🤖 AI Summary
To address the trade-off among efficiency, robustness, and realism in behavior modeling for large-scale multi-agent driving simulation, this paper proposes an instance-centric lightweight interaction modeling framework. Methodologically: (1) an instance-centric local coordinate system enables cross-timestep reuse of static scene elements; (2) a query-centric symmetric context encoder, augmented with relative positional encoding, efficiently models dynamic agent interactions; (3) adaptive reward transformation coupled with adversarial inverse reinforcement learning automatically balances training stability and trajectory fidelity. Experiments demonstrate that the proposed method significantly reduces both training and inference overhead, achieves superior scalability compared to mainstream baselines, and attains state-of-the-art performance in positional accuracy and perturbation robustness.
📝 Abstract
Scalable multi-agent driving simulation requires behavior models that are both realistic and computationally efficient. We address this by optimizing the behavior model that controls individual traffic participants. To improve efficiency, we adopt an instance-centric scene representation, where each traffic participant and map element is modeled in its own local coordinate frame.

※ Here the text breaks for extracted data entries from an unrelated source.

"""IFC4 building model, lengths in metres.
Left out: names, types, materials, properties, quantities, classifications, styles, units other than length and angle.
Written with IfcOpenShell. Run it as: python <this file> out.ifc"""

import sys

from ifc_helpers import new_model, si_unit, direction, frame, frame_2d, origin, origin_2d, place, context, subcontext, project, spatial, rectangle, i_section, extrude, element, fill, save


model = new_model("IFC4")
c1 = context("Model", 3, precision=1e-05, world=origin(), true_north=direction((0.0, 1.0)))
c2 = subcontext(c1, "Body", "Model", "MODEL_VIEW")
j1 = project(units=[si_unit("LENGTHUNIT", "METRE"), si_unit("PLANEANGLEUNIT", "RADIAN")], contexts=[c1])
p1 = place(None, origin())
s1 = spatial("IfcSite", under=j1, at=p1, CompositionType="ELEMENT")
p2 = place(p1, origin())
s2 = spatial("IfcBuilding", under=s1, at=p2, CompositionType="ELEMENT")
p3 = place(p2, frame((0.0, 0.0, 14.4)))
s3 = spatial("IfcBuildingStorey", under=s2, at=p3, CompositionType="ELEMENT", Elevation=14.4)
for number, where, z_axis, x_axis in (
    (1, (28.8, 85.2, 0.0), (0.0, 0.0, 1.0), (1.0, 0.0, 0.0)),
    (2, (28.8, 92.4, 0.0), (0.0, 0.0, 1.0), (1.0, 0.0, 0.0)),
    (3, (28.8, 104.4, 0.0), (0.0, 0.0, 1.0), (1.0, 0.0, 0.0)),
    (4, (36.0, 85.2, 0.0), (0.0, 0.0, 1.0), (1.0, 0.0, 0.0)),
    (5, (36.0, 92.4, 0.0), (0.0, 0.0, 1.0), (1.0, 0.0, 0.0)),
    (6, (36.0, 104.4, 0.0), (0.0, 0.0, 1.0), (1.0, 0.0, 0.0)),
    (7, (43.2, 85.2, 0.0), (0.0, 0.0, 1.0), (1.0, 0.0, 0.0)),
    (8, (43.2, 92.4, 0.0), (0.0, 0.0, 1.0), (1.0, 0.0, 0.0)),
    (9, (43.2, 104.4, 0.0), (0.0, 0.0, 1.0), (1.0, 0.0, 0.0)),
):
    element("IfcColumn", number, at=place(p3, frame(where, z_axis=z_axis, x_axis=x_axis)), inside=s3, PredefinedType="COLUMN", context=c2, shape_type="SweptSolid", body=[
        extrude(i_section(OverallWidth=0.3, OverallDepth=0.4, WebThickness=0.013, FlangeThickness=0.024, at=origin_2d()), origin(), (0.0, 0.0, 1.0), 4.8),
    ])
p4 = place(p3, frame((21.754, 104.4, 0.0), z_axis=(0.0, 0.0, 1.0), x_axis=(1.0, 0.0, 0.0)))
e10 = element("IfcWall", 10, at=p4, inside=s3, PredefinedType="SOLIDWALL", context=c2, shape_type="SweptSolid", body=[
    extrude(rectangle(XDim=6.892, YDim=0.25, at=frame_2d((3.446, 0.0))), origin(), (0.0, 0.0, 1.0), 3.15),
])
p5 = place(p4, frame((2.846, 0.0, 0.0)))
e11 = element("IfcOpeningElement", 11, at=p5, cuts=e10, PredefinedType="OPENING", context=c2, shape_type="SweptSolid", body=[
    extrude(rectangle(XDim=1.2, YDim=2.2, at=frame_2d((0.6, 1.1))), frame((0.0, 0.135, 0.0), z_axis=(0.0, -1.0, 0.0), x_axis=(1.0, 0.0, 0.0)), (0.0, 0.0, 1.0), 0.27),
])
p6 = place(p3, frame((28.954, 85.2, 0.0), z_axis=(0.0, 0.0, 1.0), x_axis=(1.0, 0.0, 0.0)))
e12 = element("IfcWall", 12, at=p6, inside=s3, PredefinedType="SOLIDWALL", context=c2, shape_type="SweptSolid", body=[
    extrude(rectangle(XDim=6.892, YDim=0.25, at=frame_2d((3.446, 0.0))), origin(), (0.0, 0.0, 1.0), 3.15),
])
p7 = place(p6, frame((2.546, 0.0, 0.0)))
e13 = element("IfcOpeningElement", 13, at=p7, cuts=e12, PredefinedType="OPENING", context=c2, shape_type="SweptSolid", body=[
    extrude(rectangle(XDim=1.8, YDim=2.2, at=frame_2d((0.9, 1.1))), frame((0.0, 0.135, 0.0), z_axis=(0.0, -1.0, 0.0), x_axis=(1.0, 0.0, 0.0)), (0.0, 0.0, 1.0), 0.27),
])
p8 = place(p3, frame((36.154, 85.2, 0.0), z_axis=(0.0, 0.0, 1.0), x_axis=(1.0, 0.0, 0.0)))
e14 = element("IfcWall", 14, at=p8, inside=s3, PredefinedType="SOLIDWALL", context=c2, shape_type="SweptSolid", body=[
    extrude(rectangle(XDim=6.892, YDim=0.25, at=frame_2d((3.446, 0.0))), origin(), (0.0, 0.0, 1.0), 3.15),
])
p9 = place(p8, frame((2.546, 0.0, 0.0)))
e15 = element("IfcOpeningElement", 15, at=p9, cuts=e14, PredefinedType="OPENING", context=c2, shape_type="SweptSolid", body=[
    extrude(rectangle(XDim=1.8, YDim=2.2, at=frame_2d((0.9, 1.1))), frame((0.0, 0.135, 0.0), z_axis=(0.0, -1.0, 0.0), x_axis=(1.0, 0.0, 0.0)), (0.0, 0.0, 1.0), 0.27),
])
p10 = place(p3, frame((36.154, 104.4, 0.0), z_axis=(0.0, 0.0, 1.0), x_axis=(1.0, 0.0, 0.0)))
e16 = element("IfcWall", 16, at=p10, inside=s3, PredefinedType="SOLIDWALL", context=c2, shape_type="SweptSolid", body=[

This design enables efficient, viewpoint-invariant scene encoding and allows static map tokens to be reused across simulation steps. To model interactions, we employ a query-centric symmetric context encoder with relative positional encodings between local frames. We use Adversarial Inverse Reinforcement Learning to learn the behavior model and propose an adaptive reward transformation that automatically balances robustness and realism during training. Experiments demonstrate that our approach scales efficiently with the number of tokens, significantly reducing training and inference times, while outperforming several agent-centric baselines in terms of positional accuracy and robustness.